WASHINGTON BUREAU — The ERISA Industry Committee (ERIC)– an employer group – is asking the Internal Revenue Service (IRS) to make administration of the new comparative effectiveness research fee as simple as possible.
“The fee and the associated administrative costs are real and immediate, and apply at a time when ERIC’s members are struggling to cope with a mounting roster of expensive health mandates, as well as increasing health care costs,” ERIC President Mark Ugoretz says in a comment letter sent to the IRS.
ERIC submitted the plea for simplicity in response to a request for comment posted by the IRS in June.
The IRS issued the notice to start the process of implementing Section 6301 of the Patient Protection and Affordable Care Act of 2010 (PPACA).
PPACA Section 6301 added Section 9511 – a provision creating a Patient-Centered Outcomes Research Trust Fund — to the Internal Revenue Code (IRC) to provide funding for a new Patient-Centered Outcomes Research Institute (PCORI). The institute is supposed to help the government, private insurers, employers, consumers and providers determine which treatments offer good value for the money spent.
PPACA Section 6301 also added sections 4375, 4376 and 4377 to the Internal Revenue.
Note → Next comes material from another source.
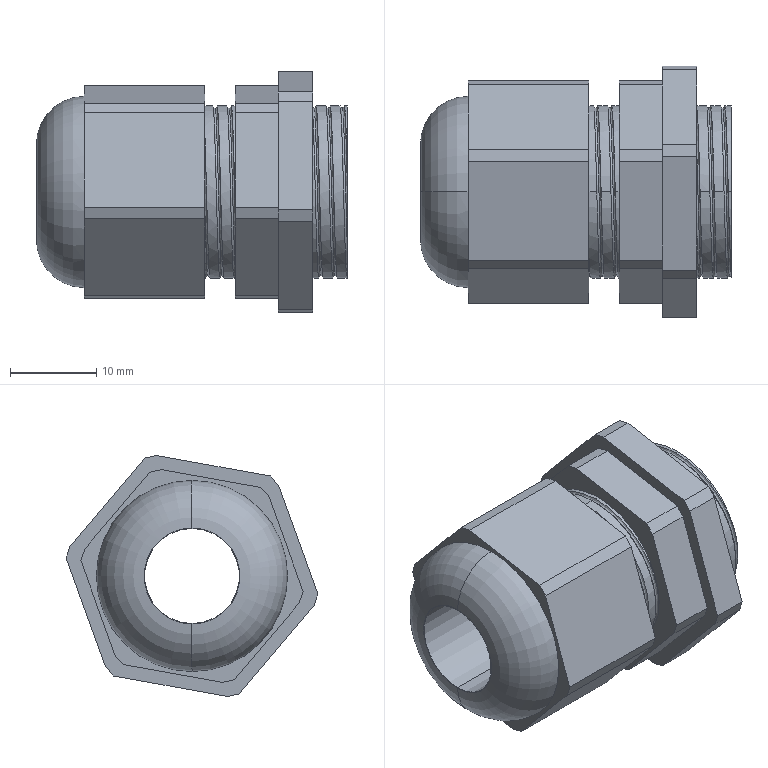Component | SolidWorks | CableGlandPG13.5Black-1 | 1 solid | 65 faces | volume 11630 mm3 | plane 43 | cylinder 16 | spline 4 | torus 2 | commonest cylinder face diameters 20 x14 11 x2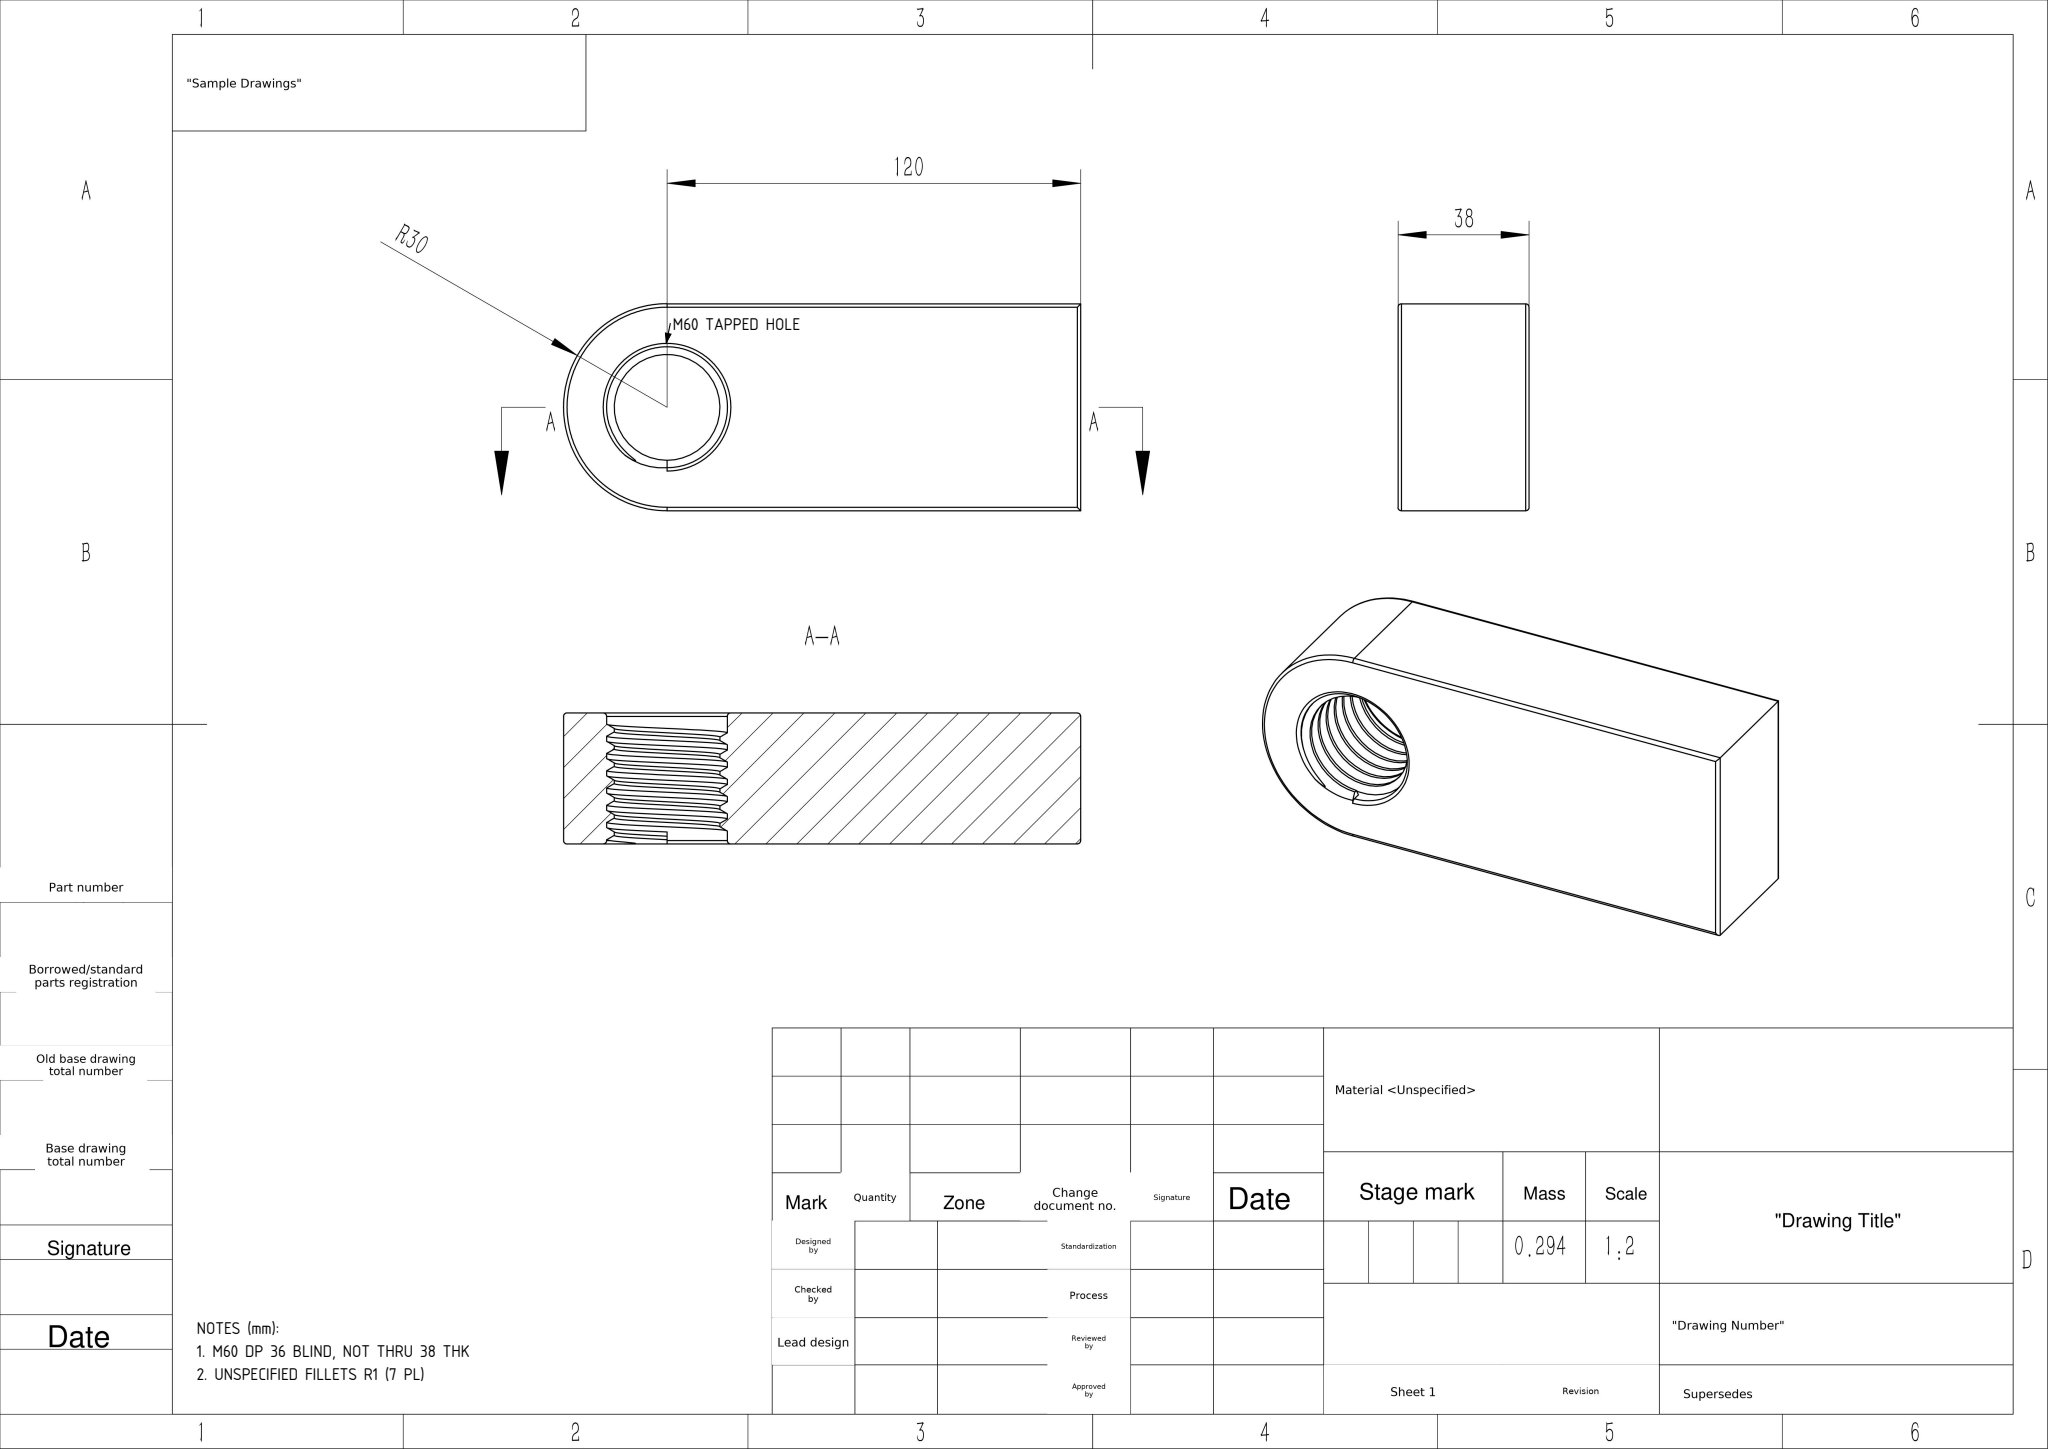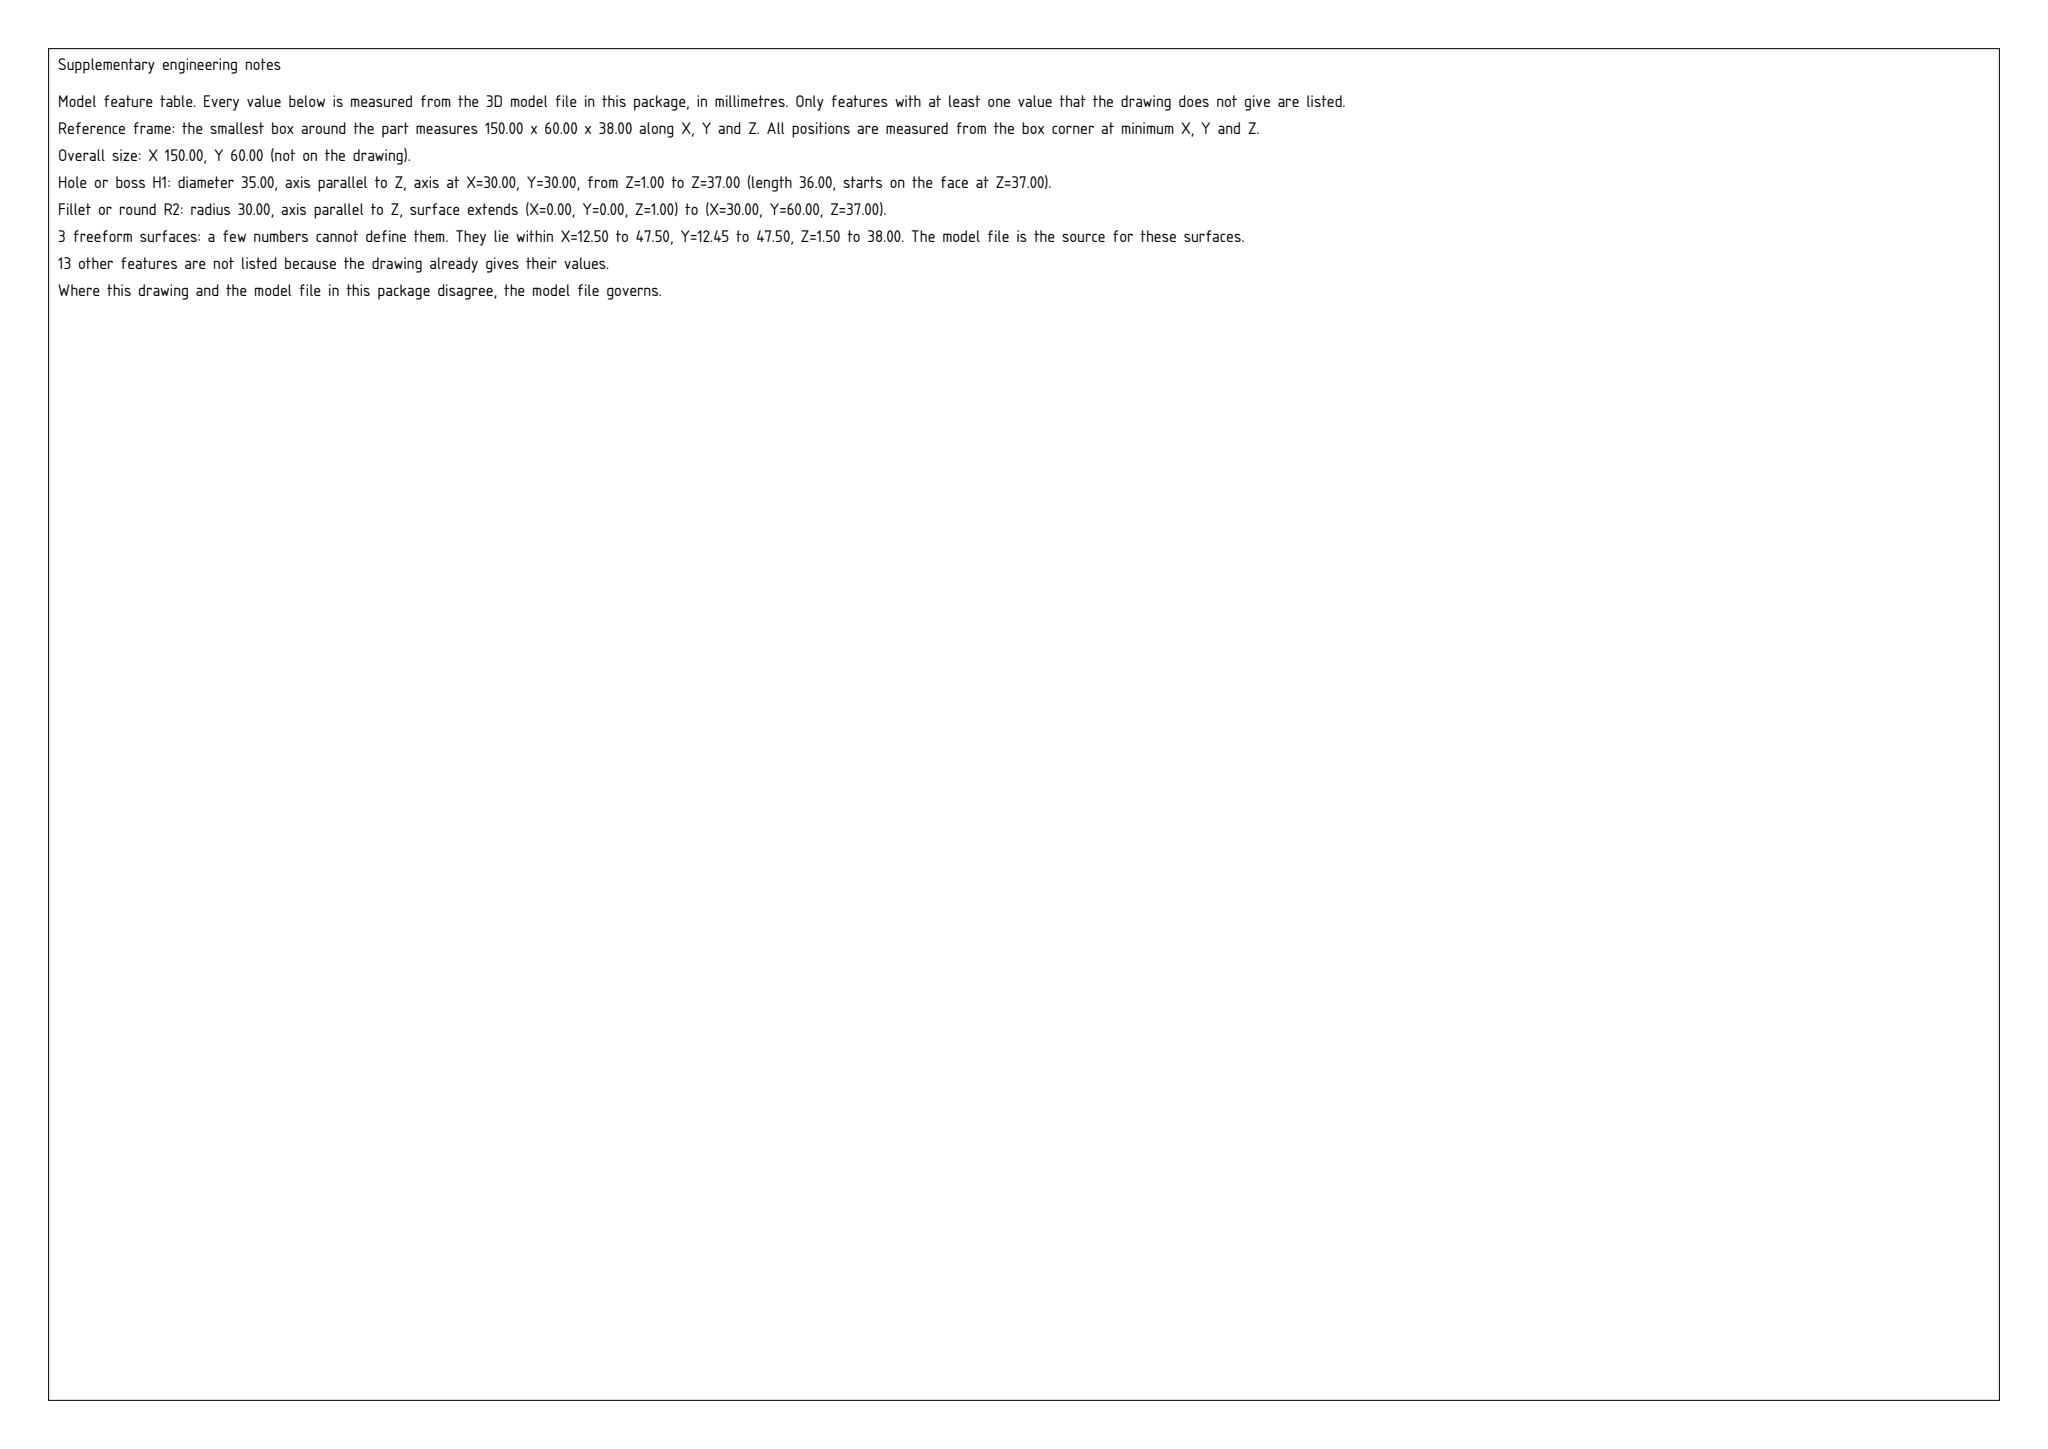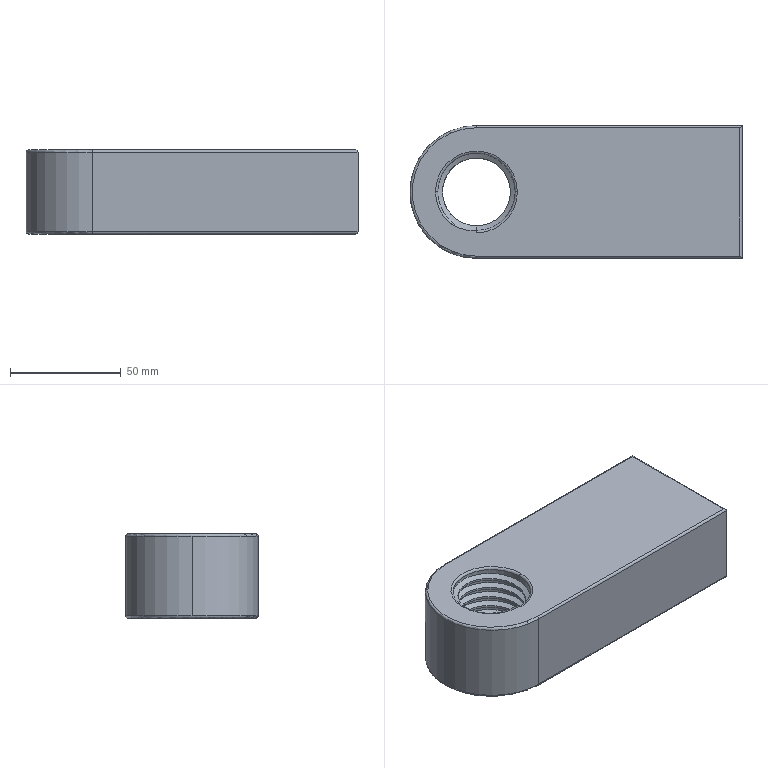Part | SolidWorks | mm | 1 solid | 40 faces | box 150 x 60 x 38 mm | volume 293893 mm3 | cylinder 23 | torus 7 | plane 7 | spline 3 | commonest cylinder face diameters 35 x15 2 x6 60 x2
Drawing notes:
TAPPED HOLE M60, CL AT R30 CTR (TOP VIEW & A-A) | from the solid: Ø60 z-axis cylinder at (32.47,32.47), thread profile rings Ø35
M60 DP 36 BLIND, NOT THRU 38 THK | from the solid: Ø60 bore length 36.0 vs z-planes 0.0 and 38.0
UNSPECIFIED FILLETS R1 (7 PL) | from the solid: fillet_radii: [[1.0, 7]]

Those new IRC sections are supposed to pay for the PCORI work by imposing a fee of $2 per life, indexed for the national health care inflation rate, on health insurance policies and “applicable self-insured health plans,” based on the average number of lives covered under the policy or plan.
The fees are supposed to take effect for policy and plan years ending after Sept. 30, 2012.
ERIC is urging the IRS to administer the new fee in a way that avoids duplication and does not require an employer to pay the fee more than once for the same covered individual.
The IRS also should refrain from requiring employers to set up costly systems to determine the actual average number of lives covered, Ugoretz says in the ERIC letter.
“ERIC believes that this approach is consistent with the intent of the provision imposing the fee,” Ugoretz says.
ERIC recommends that employers should be permitted to treat all accident and health benefits sponsored by an employer as one applicable self-insured plan for purposes of the fee, Ugoretz says.
“If employers are not permitted to aggregate plans, an employer might be required to pay a higher fee merely because it has structured its accident and health coverage as separate plans for unrelated business reasons,” Ugoretz says.
ERIC also recommends that the agencies provide at least two safe harbor methods that employers can use to determine the average number of covered lives, and that the safe harbor methods use assumptions that simplify the process of determining the number of participants and dependents enrolled in self-insured plans.
One safe harbor method proposed by ERIC would be based on use of the number of participants shown on a plan’s Form 5500 annual report.
The second safe harbor would permit an employer to count employees each month and then average the monthly totals over the course of a year, Ugoretz says.
The IRS should keep the rules for counting the number of beneficiaries especially simple, because that is a number often not tracked by employers, Ugoretz says.